El personaje es uno de los reyes nefastos de nuestra historia. Hay muchos. Los borbones lo han sido todos, con la excepción de Carlos III. Enrique IV al menos era español; el último rey verdaderamente español junto con su medio hermana la gran reina Isabel.
El ensayo de Marañón está muy centrado en los aspectos clínicos porque Enrique IV presentaba una serie de patologías notorias.
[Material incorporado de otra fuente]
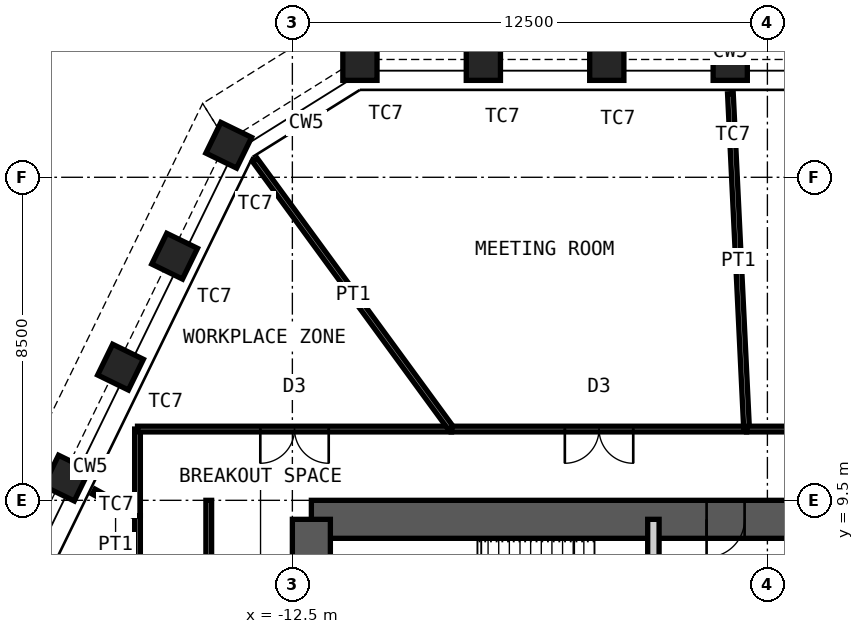
"""IFC4 building model, lengths in metres.
Left out: names, types, materials, properties, quantities, classifications, styles, units other than length and angle.
Written with IfcOpenShell. Run it as: python <this file> out.ifc"""

import sys

from ifc_helpers import new_model, si_unit, direction, frame, frame_2d, origin, origin_2d, place, context, subcontext, project, spatial, rectangle, hollow_rectangle, extrude, element, fill, save


model = new_model("IFC4")
c1 = context("Model", 3, precision=1e-05, world=origin(), true_north=direction((0.0, 1.0)))
c2 = subcontext(c1, "Body", "Model", "MODEL_VIEW")
j1 = project(units=[si_unit("LENGTHUNIT", "METRE"), si_unit("PLANEANGLEUNIT", "RADIAN")], contexts=[c1])
p1 = place(None, origin())
s1 = spatial("IfcSite", under=j1, at=p1, CompositionType="ELEMENT")
p2 = place(p1, origin())
s2 = spatial("IfcBuilding", under=s1, at=p2, CompositionType="ELEMENT")
p3 = place(p2, frame((0.0, 0.0, 299.8)))
s3 = spatial("IfcBuildingStorey", under=s2, at=p3, CompositionType="ELEMENT", Elevation=299.8)
for number, where, z_axis, x_axis in (
    (1, (-10.722, 21.0, 0.0), (0.0, 0.0, 1.0), (-1.0, 0.0, 0.0)),
    (2, (-7.474, 21.0, 0.0), (0.0, 0.0, 1.0), (-1.0, 0.0, 0.0)),
    (3, (-4.226, 21.0, 0.0), (0.0, 0.0, 1.0), (-1.0, 0.0, 0.0)),
    (4, (-0.978, 21.0, 0.0), (0.0, 0.0, 1.0), (-1.0, 0.0, 0.0)),
    (5, (-18.446, 10.085, 0.0), (0.0, 0.0, 1.0), (-0.438, -0.899, 0.0)),
    (6, (-17.022, 13.004, 0.0), (0.0, 0.0, 1.0), (-0.438, -0.899, 0.0)),
    (7, (-15.598, 15.924, 0.0), (0.0, 0.0, 1.0), (-0.438, -0.899, 0.0)),
    (8, (-14.174, 18.843, 0.0), (0.0, 0.0, 1.0), (-0.438, -0.899, 0.0)),
):
    element("IfcColumn", number, at=place(p3, frame(where, z_axis=z_axis, x_axis=x_axis)), inside=s3, PredefinedType="COLUMN", context=c2, shape_type="SweptSolid", body=[
        extrude(hollow_rectangle(XDim=0.9, YDim=0.9, WallThickness=0.06, at=origin_2d()), origin(), (0.0, 0.0, 1.0), 4.2),
    ])
p4 = place(p3, frame((-12.0, 9.0, 0.0), z_axis=(0.0, 0.0, 1.0), x_axis=(1.0, 0.0, 0.0)))
e9 = element("IfcWall", 9, at=p4, inside=s3, PredefinedType="SHEAR", context=c2, shape_type="SweptSolid", body=[
    extrude(rectangle(XDim=24.0, YDim=1.0, at=frame_2d((12.0, 0.0))), origin(), (0.0, 0.0, 1.0), 4.2),
])
p5 = place(p4, frame((10.4, 0.0, 0.0)))
e10 = element("IfcOpeningElement", 10, at=p5, cuts=e9, PredefinedType="OPENING", context=c2, shape_type="SweptSolid", body=[
    extrude(rectangle(XDim=1.0, YDim=2.1, at=frame_2d((0.5, 1.05))), frame((0.0, 0.51, 0.0), z_axis=(0.0, -1.0, 0.0), x_axis=(1.0, 0.0, 0.0)), (0.0, 0.0, 1.0), 1.02),
])
p6 = place(p4, frame((17.6, 0.0, 0.0)))
e11 = element("IfcOpeningElement", 11, at=p6, cuts=e9, PredefinedType="OPENING", context=c2, shape_type="SweptSolid", body=[
    extrude(rectangle(XDim=0.9, YDim=2.1, at=frame_2d((0.45, 1.05))), frame((0.0, 0.51, 0.0), z_axis=(0.0, -1.0, 0.0), x_axis=(1.0, 0.0, 0.0)), (0.0, 0.0, 1.0), 1.02),
])
p7 = place(p4, frame((21.9, 0.0, 0.0)))
e12 = element("IfcOpeningElement", 12, at=p7, cuts=e9, PredefinedType="OPENING", context=c2, shape_type="SweptSolid", body=[
    extrude(rectangle(XDim=0.9, YDim=2.1, at=frame_2d((0.45, 1.05))), frame((0.0, 0.51, 0.0), z_axis=(0.0, -1.0, 0.0), x_axis=(1.0, 0.0, 0.0)), (0.0, 0.0, 1.0), 1.02),
])
p8 = place(p3, frame((-12.0, -9.0, 0.0), z_axis=(0.0, 0.0, 1.0), x_axis=(0.0, 1.0, 0.0)))
e13 = element("IfcWall", 13, at=p8, inside=s3, PredefinedType="SHEAR", context=c2, shape_type="SweptSolid", body=[
    extrude(rectangle(XDim=18.0, YDim=1.0, at=frame_2d((9.0, 0.0))), origin(), (0.0, 0.0, 1.0), 4.2),
])
p9 = place(p8, frame((8.1, 0.0, 0.0)))
e14 = element("IfcOpeningElement", 14, at=p9, cuts=e13, PredefinedType="OPENING", context=c2, shape_type="SweptSolid", body=[
    extrude(rectangle(XDim=1.8, YDim=2.1, at=frame_2d((0.9, 1.05))), frame((0.0, 0.51, 0.0), z_axis=(0.0, -1.0, 0.0), x_axis=(1.0, 0.0, 0.0)), (0.0, 0.0, 1.0), 1.02),
])
p10 = place(p3, frame((-3.0, 5.15, 0.0), z_axis=(0.0, 0.0, 1.0), x_axis=(0.0, 1.0, 0.0)))
e15 = element("IfcWall", 15, at=p10, inside=s3, PredefinedType="PARTITIONING", context=c2, shape_type="SweptSolid", body=[
    extrude(rectangle(XDim=3.85, YDim=0.3, at=frame_2d((1.925, 0.0))), origin(), (0.0, 0.0, 1.0), 3.98),
])
p11 = place(p10, frame((1.425, 0.0, 0.0)))
e16 = element("IfcOpeningElement", 16, at=p11, cuts=e15, PredefinedType="OPENING", context=c2, shape_type="SweptSolid", body=[
    extrude(rectangle(XDim=1.0, YDim=2.1, at=frame_2d((0.5, 1.05))), frame((0.0, 0.16, 0.0), z_axis=(0.0, -1.0, 0.0), x_axis=(1.0, 0.0, 0.0)), (0.0, 0.0, 1.0), 0.32),
])
p12 = place(p3, frame((-17.729, 9.73, 0.0), z_axis=(0.0, 0.0, 1.0), x_axis=(0.87667364743, -0.481085559855, 0.0)))
e17 = element("IfcWall", 17, at=p12, inside=s3, PredefinedType="PARTITIONING", context=c2, shape_type="SweptSolid", body=[
    extrude(rectangle(XDim=1.316, YDim=0.15, at=frame_2d((0.658, 0.0))), origin(), (0.0, 0.0, 1.0), 2.93),
])
p13 = place(p3, frame((-16.575, 9.097, 0.0), z_axis=(0.0, 0.0, 1.0), x_axis=(0.0, 1.0, 0.0)))
e18 = element("IfcWall", 18, at=p13, inside=s3, PredefinedType="PARTITIONING", context=c2, shape_type="SweptSolid", body=[
    extrude(rectangle(XDim=2.278, YDim=0.15, at=frame_2d((1.139, 0.0))), origin(), (0.0, 0.0, 1.0), 4.03),
])
p14 = place(p3, frame((-16.575, 11.375, 0.0), z_axis=(0.0, 0.0, 1.0), x_axis=(1.0, 0.0, 0.0)))
e19 = element("IfcWall", 19, at=p14, inside=s3, PredefinedType="PARTITIONING", context=c2, shape_type="SweptSolid", body=[
    extrude(rectangle(XDim=8.263, YDim=0.15, at=frame_2d((4.131, 0.0))), origin(), (0.0, 0.0, 1.0), 4.03),
])
p15 = place(p14, frame((3.231, 0.0, 0.0)))
e20 = element("IfcOpeningElement", 20, at=p15, cuts=e19, PredefinedType="OPENING", context=c2, shape_type="SweptSolid", body=[
    extrude(rectangle(XDim=1.8, YDim=2.4, at=frame_2d((0.9, 1.2))), frame((0.0, 0.085, 0.0), z_axis=(0.0, -1.0, 0.0), x_axis=(1.0, 0.0, 0.0)), (0.0, 0.0, 1.0), 0.17),
])
p16 = place(p3, frame((-13.486, 18.455, 0.0), z_axis=(0.0, 0.0, 1.0), x_axis=(0.589997742419, -0.807404894672, 0.0)))
e21 = element("IfcWall", 21, at=p16, inside=s3, PredefinedType="PARTITIONING", context=c2, shape_type="SweptSolid", body=[
    extrude(rectangle(XDim=8.769, YDim=0.15, at=frame_2d((4.385, 0.0))), origin(), (0.0, 0.0, 1.0), 3.03),
])
p17 = place(p3, frame((-8.312, 11.375, 0.0), z_axis=(0.0, 0.0, 1.0), x_axis=(1.0, 0.0, 0.0)))
e22 = element("IfcWall", 22, at=p17, inside=s3, PredefinedType="PARTITIONING", context=c2, shape_type="SweptSolid", body=[
    extrude(rectangle(XDim=7.764, YDim=0.15, at=frame_2d((3.882, 0.0))), origin(), (0.0, 0.0, 1.0), 4.03),
])
p18 = place(p17, frame((2.982, 0.0, 0.0)))
e23 = element("IfcOpeningElement", 23, at=p18, cuts=e22, PredefinedType="OPENING", context=c2, shape_type="SweptSolid", body=[
    extrude(rectangle(XDim=1.8, YDim=2.4, at=frame_2d((0.9, 1.2))), frame((0.0, 0.085, 0.0), z_axis=(0.0, -1.0, 0.0), x_axis=(1.0, 0.0, 0.0)), (0.0, 0.0, 1.0), 0.17),
])
p19 = place(p3, frame((-0.973, 20.2, 0.0), z_axis=(0.0, 0.0, 1.0), x_axis=(0.048134910622, -0.998840843368, 0.0)))
e24 = element("IfcWall", 24, at=p19, inside=s3, PredefinedType="PARTITIONING", context=c2, shape_type="SweptSolid", body=[
    extrude(rectangle(XDim=8.835, YDim=0.15, at=frame_2d((4.418, 0.0))), origin(), (0.0, 0.0, 1.0), 2.93),
])
p20 = place(p3, frame((-0.548, 11.375, 0.0), z_axis=(0.0, 0.0, 1.0), x_axis=(1.0, 0.0, 0.0)))
e25 = element("IfcWall", 25, at=p20, inside=s3, PredefinedType="PARTITIONING", context=c2, shape_type="SweptSolid", body=[
    extrude(rectangle(XDim=13.923, YDim=0.15, at=frame_2d((6.961, 0.0))), origin(), (0.0, 0.0, 1.0), 4.03),
])
p21 = place(p20, frame((6.062, 0.0, 0.0)))
e26 = element("IfcOpeningElement", 26, at=p21, cuts=e25, PredefinedType="OPENING", context=c2, shape_type="SweptSolid", body=[
    extrude(rectangle(XDim=1.8, YDim=2.4, at=frame_2d((0.9, 1.2))), frame((0.0, 0.085, 0.0), z_axis=(0.0, -1.0, 0.0), x_axis=(1.0, 0.0, 0.0)), (0.0, 0.0, 1.0), 0.17),
])
p22 = place(p3, frame((-16.575, -4.377, 0.0), z_axis=(0.0, 0.0, 1.0), x_axis=(0.0, 1.0, 0.0)))
e27 = element("IfcWall", 27, at=p22, inside=s3, PredefinedType="PARTITIONING", context=c2, shape_type="SweptSolid", body=[
    extrude(rectangle(XDim=13.474, YDim=0.15, at=frame_2d((6.737, 0.0))), origin(), (0.0, 0.0, 1.0), 4.03),
])
p23 = place(p22, frame((5.837, 0.0, 0.0)))
e28 = element("IfcOpeningElement", 28, at=p23, cuts=e27, PredefinedType="OPENING", context=c2, shape_type="SweptSolid", body=[
    extrude(rectangle(XDim=1.8, YDim=2.4, at=frame_2d((0.9, 1.2))), frame((0.0, 0.085, 0.0), z_axis=(0.0, -1.0, 0.0), x_axis=(1.0, 0.0, 0.0)), (0.0, 0.0, 1.0), 0.17),
])
p24 = place(p3, frame((-14.7, 1.9, 0.0), z_axis=(0.0, 0.0, 1.0), x_axis=(0.0, 1.0, 0.0)))
e29 = element("IfcWall", 29, at=p24, inside=s3, PredefinedType="PARTITIONING", context=c2, shape_type="SweptSolid", body=[
    extrude(rectangle(XDim=7.6, YDim=0.15, at=frame_2d((3.8, 0.0))), origin(), (0.0, 0.0, 1.0), 4.03),
])
p25 = place(p5, origin())
e30 = element("IfcDoor", 30, at=p25, inside=s3, OperationType="SINGLE_SWING_LEFT", PredefinedType="DOOR", context=c2, shape_type="SweptSolid", body=[
    extrude(rectangle(XDim=1.0, YDim=2.1, at=frame_2d((0.5, 1.05))), frame((0.0, 0.025, 0.0), z_axis=(0.0, -1.0, 0.0), x_axis=(1.0, 0.0, 0.0)), (0.0, 0.0, 1.0), 0.05),
])
fill(e10, e30)
p26 = place(p15, origin())
e31 = element("IfcDoor", 31, at=p26, inside=s3, OperationType="DOUBLE_DOOR_DOUBLE_SWING", PredefinedType="DOOR", context=c2, shape_type="SweptSolid", body=[
    extrude(rectangle(XDim=1.8, YDim=2.4, at=frame_2d((0.9, 1.2))), frame((0.0, 0.025, 0.0), z_axis=(0.0, -1.0, 0.0), x_axis=(1.0, 0.0, 0.0)), (0.0, 0.0, 1.0), 0.05),
])
fill(e20, e31)
p27 = place(p18, origin())
e32 = element("IfcDoor", 32, at=p27, inside=s3, OperationType="DOUBLE_DOOR_DOUBLE_SWING", PredefinedType="DOOR", context=c2, shape_type="SweptSolid", body=[
    extrude(rectangle(XDim=1.8, YDim=2.4, at=frame_2d((0.9, 1.2))), frame((0.0, 0.025, 0.0), z_axis=(0.0, -1.0, 0.0), x_axis=(1.0, 0.0, 0.0)), (0.0, 0.0, 1.0), 0.05),
])
fill(e23, e32)
save(model, sys.argv[1])

La teoría médica de Marañón consideraba que el sistema endocrino -las glándulas- determinaban en gran parte los aspectos psicológicos de la persona.
Lo que haré en este repaso en dos partes es traer extractos de las partes del libro que considero más interesantes.
Para empezar, del Prólogo:
Recordemos cuáles eran sus rasgos más significativos: retraído, débil de carácter, abúlico, displásico eunucoide con reacción acromegálica, esquizoide, con tendencias homosexuales, exhibicionista y con impotencia relativa, esta última basada en condiciones orgánicas pero probablemente exacerbada por influencias psicológicas.
Para echarse a temblar… Displásico eunucoide indica una constitución deficiente de los órganos sexuales; acromegalia es gigantismo; esquizoide es un punto menos que esquizofrénico.
Sin embargo, el Prólogo se refiere también a otros historiadores posteriores que presentan un punto de vista diferente sobre el rey (“revisionistas”…)
… ha sido en las últimas décadas cuando se ha producido una notable revisión del reinado de Enrique IV. Los trabajos del profesor Suárez han contribuido a entender mejor la compleja trama de la historia castellana entre los años 1454 y 1474. Pero el principal valedor de la obra del discutido monarca ha sido el historiador norteamericano W, D. Phillips…
Por ejemplo:
… hasta qué punto los aciertos que se atribuyen a los Reyes Católicos, no eran, en el mejor de los casos, sino expresión de una clara continuidad con las decisiones de su antecesor en el trono.
Incluyen reforma monetaria, Hermandades, utilización creciente de los letrados en las tareas de gobierno, fortalecimiento del ejército permanente, nueva forma de guerrear (“Se trataba de llevar a cabo una guerra de desgaste en la que, si llegaba el caso, podían ocuparse posiciones estratégicas del enemigo situadas en la línea fronteriza.”)
Hasta el cambio de la política exterior castellana se le atribuye a él:
Enrique IV inició el camino que, posteriormente, iban a seguir los Reyes Católicos. El monarca castellano dio los primeros pasos para poner fin a la secular alianza que Castilla mantenía con Francia, desde el acceso al trono de Enrique II de Trastámara, al tiempo que se acercaba a Inglaterra, hasta entonces potencia rival.
Así acaba el prólogo:
… «económica, política y socialmente el reinado de Enrique IV es uno de los más interesantes reinados de nuestra Edad Media por las innumerables facetas que ofrece, siempre brillantes pese a la oscuridad de sus actos, no siempre fáciles de apreciar y aun de comprender»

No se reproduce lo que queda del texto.